The more I build around AI tools, the less I think the job is mainly about features in the old sense. The hard part is increasingly not whether a model can do something impressive in isolation. The hard part is how to structure the system around it so the result is useful, legible, and durable.

That is part of why tools like Claude Code and Codex feel so important to me. They shorten the loop between thought and artifact so dramatically that they expose a deeper question. If it is now cheap to prototype, scaffold, patch, test, and revise, what exactly becomes the scarce skill?

My answer is orchestration.
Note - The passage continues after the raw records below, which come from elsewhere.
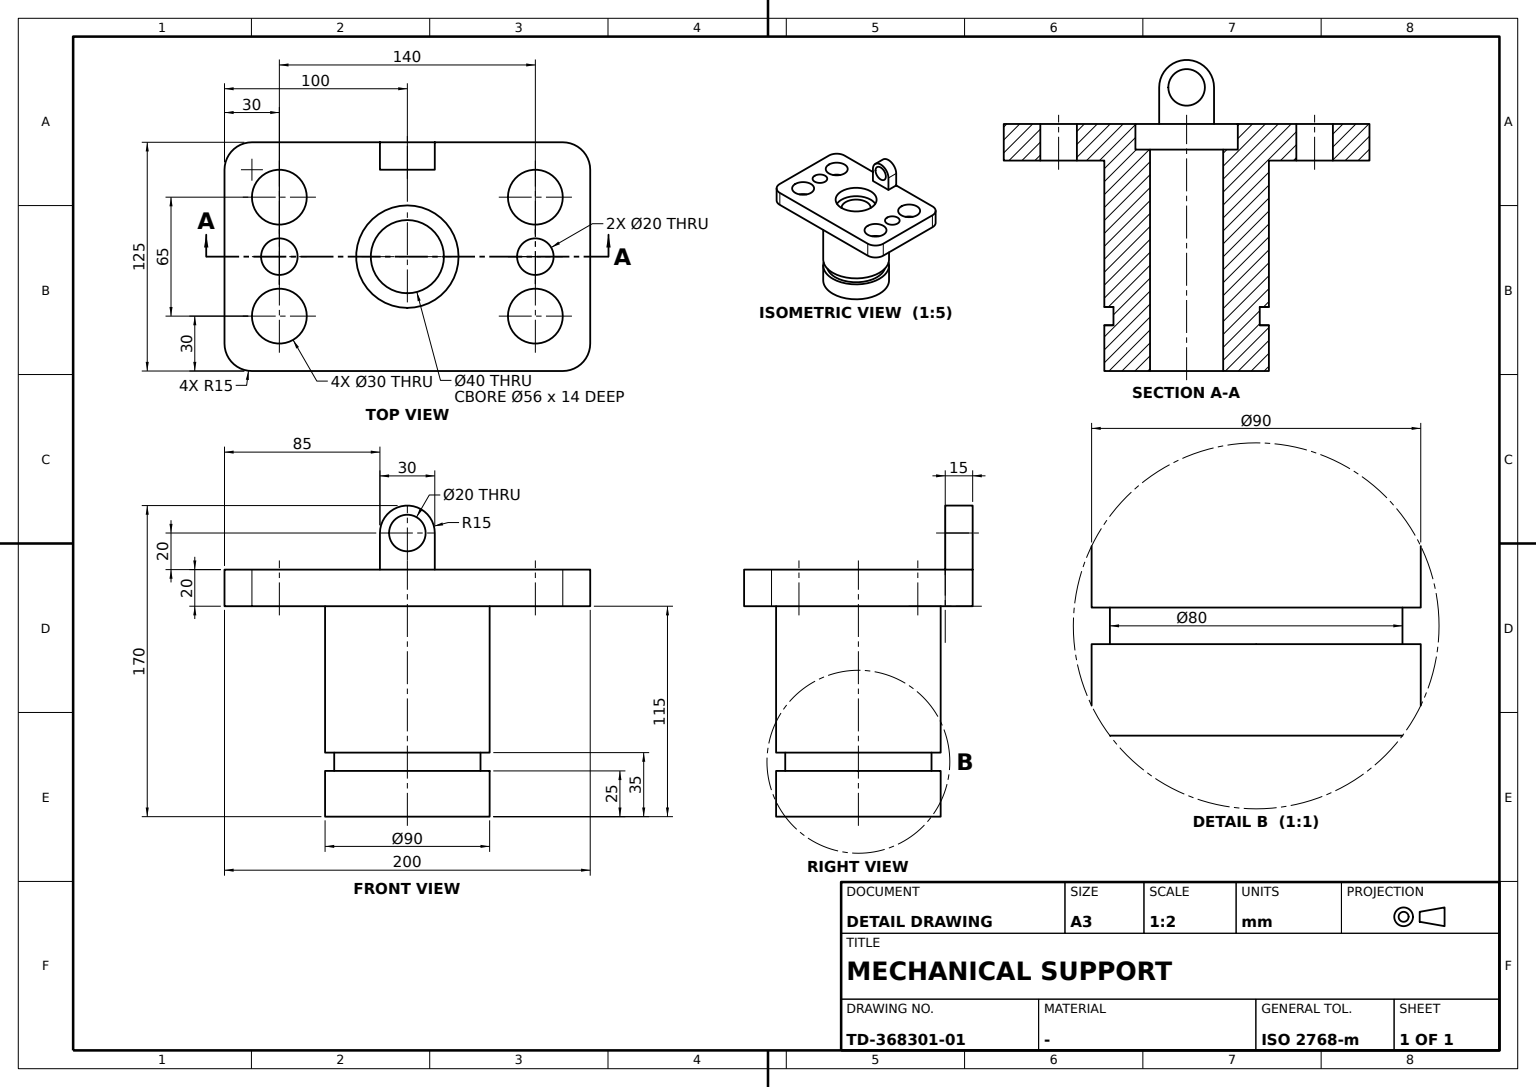
CATIA V5 part; units mm, degrees
sketch "Sketch1" plane through (0, 0, 0) normal (1, 0, 0) x (0, 1, 0)
  point P0 (20, 0)
  line L0 (20, 0) -> (20, 121)
  point P1 (45, 135)
  line L1 (45, 135) -> (45, 35)
  line L2 (45, 35) -> (40, 35)
  line L3 (40, 35) -> (40, 25)
  line L4 (40, 25) -> (45, 25)
  point P2 (45, 25)
  line L5 (45, 25) -> (45, 0)
  point P3 (45, 0)
  line L6 (45, 0) -> (20, 0)
  line L7 (20, 121) -> (28, 121)
  line L8 (28, 121) -> (28, 135)
  line L9 (28, 135) -> (45, 135)
  point P4 (45, 135)
  dimension "length L6" = 25
  dimension "distance L0 y axis" = 20
  dimension "length L5" = 25
  dimension "length L0" = 121
  dimension "length L3" = 10
  dimension "length L4" = 5
  dimension "distance L8 y axis" = 28
  dimension "distance L9 x axis" = 135
  constraint coincidence P0 x-axis
  constraint coincidence P2 L1
  constraint coincidence P3 x-axis
  constraint coincidence P4 L1
  constraint coincidence P1 P4
  constraint vertical L0 y-axis
  constraint vertical L1 y-axis
  constraint vertical L3 y-axis
  constraint vertical L5 y-axis
  constraint vertical L8 y-axis
  constraint horizontal L2 x-axis
  constraint horizontal L4 x-axis
  constraint horizontal L6 x-axis
  constraint horizontal L7 x-axis
  constraint horizontal L9 x-axis
revolve "Shaft1" add sketch "Sketch1" angle 360 about axis through (0, 0, 0) along (0, 0, 1)
sketch "Sketch2" plane through (0, 0, 135) normal (0, 0, 1) x (1, 0, 0)
  line L0 (100, 47.5) -> (100, -47.5)
  line L1 (85, -62.5) -> (-85, -62.5)
  line L2 (-100, -47.5) -> (-100, 47.5)
  line L3 (-85, 62.5) -> (85, 62.5)
  point P0 (100, 62.5)
  point P1 (100, -62.5)
  point P2 (-100, 62.5)
  circle A0 centre (70, -32.5) radius 15
  point P3 (70, -32.5)
  circle A1 centre (70, 0) radius 10
  point P4 (70, 0)
  circle A2 centre (70, 32.5) radius 15
  point P5 (70, 32.5)
  circle A3 centre (-70, 32.5) radius 15
  circle A4 centre (-70, 0) radius 10
  circle A5 centre (-70, -32.5) radius 15
  arc A6 (-85, 62.5) -> (-100, 47.5) centre (-85, 47.5) ccw
  arc A7 (85, 62.5) -> (100, 47.5) centre (85, 47.5) cw
  arc A8 (100, -47.5) -> (85, -62.5) centre (85, -47.5) cw
  arc A9 (-100, -47.5) -> (-85, -62.5) centre (-85, -47.5) ccw
  circle A10 centre (0, 0) radius 45
  dimension "radius A0" = 15
  dimension "distance P3 L1" = 30
  dimension "distance P3 L0" = 30
  dimension "radius A1" = 10
  dimension "distance P4 L0" = 30
  dimension "radius A2" = 15
  dimension "distance P5 L3" = 30
  dimension "distance P5 L0" = 30
  dimension "distance P2 P0" = 200
  dimension "radius A6" = 15
  dimension "distance P0 P1" = 125
  dimension "radius A7" = 15
  dimension "radius A8" = 15
  dimension "radius A9" = 15
  constraint vertical L0 y-axis
  constraint vertical L2 y-axis
  constraint horizontal L1 x-axis
  constraint horizontal L3 x-axis
  constraint equidistance L0 L2 origin
  constraint equidistance L1 L3 origin
  constraint coincidence P4 x-axis
  constraint coincidence L3 P2
  constraint coincidence L2 P2
  constraint coincidence L3 P0
  constraint coincidence L0 P0
  constraint coincidence L0 P1
  constraint coincidence L1 P1
  constraint symmetry A2 A3 y-axis
  constraint symmetry A1 A4 y-axis
  constraint symmetry A0 A5 y-axis
  constraint tangency A6 L3
  constraint tangency A6 L2
  constraint tangency A7 L3
  constraint tangency A7 L0
  constraint tangency A8 L0
  constraint tangency A8 L1
  constraint tangency A9 L2
  constraint tangency A9 L1
extrude "Pad1" add sketch "Sketch2" against normal blind 20
sketch "Sketch3" plane through (0, 62.5, 0) normal (0, 1, 0) x (-1, 0, 0)
  line L0 (15, 135) -> (15, 155)
  point P0 (15, 135)
  point P1 (15, 155)
  line L1 (-85, 135) -> (85, 135) construction
  point P2 (-15, 155)
  point P3 (-15, 135)
  line L2 (-15, 135) -> (-15, 155)
  line L3 (-15, 135) -> (15, 135)
  arc A0 (-15, 155) -> (15, 155) centre (0, 155) cw
  point P4 (15, 155)
  circle A1 centre (0, 155) radius 10
  dimension "length L0" = 20
  dimension "distance L0 y axis" = 15
  dimension "radius A1" = 10
  constraint vertical L0 y-axis
  constraint coincidence P0 L1
  constraint coincidence P4 L0
  constraint coincidence P4 P1
  constraint symmetry P1 P2 y-axis
  constraint symmetry P0 P3 y-axis
  constraint symmetry L0 L2 y-axis
  constraint horizontal L3 x-axis
  constraint tangency A0 L2
extrude "Pad2" add sketch "Sketch3" against normal blind 15

Not orchestration as a buzzword, but in the literal sense: deciding which tool does what, what stays deterministic, what gets delegated, where review happens, what the operator needs to see, and how the whole workflow stays coherent as it scales beyond one prompt and one response.

That is why I think AI product work is becoming orchestration work. Once you can cheaply create artifacts, the role shifts toward system design. You start asking questions like:

What should this agent actually own?
What belongs in a reusable workflow instead of ad hoc chat?
Where does judgment stay human?
What proof does the system need before anyone should trust it?

I keep seeing this in my own work. A recruiting workspace becomes much more useful when it has a target dossier, a goal pack, proof assets, and a tracker instead of just a smart model call. A discoverability system becomes more useful when the writing, schema, profile JSON, project surfaces, and GitHub corroboration all point to the same story instead of existing as disconnected fragments.

None of that is impressive because an agent generated text. It is useful because the workflow was designed so the outputs compound. That feels much closer to product work than to prompt tinkering.

I think this matters especially for AI labs and AI-native teams. The fastest-moving teams will have no shortage of prototypes. What they will need is more judgment around which prototypes deserve structure, what internal tools should exist, what the operator experience should feel like, and where the system needs safeguards before it touches something important.

That is also why I do not think the right framing is generic PM theater dropped onto AI. The better framing is closer to product builder, product operator, or workflow-minded orchestrator. The job is not just to prioritize tasks. It is to create the conditions where a messy capability becomes a useful system.

In practice that means specs matter. Guardrails matter. Design systems matter. Clear proof surfaces matter. Small agent instructions matter. If you want multiple tools or agents to produce good work, you generally need a better operating environment, not just a smarter model.

I suspect that is one of the biggest shifts in software right now. The leverage is moving toward people who can orchestrate capability across tools, agents, and workflows without losing clarity. That is the layer I want to spend more time in.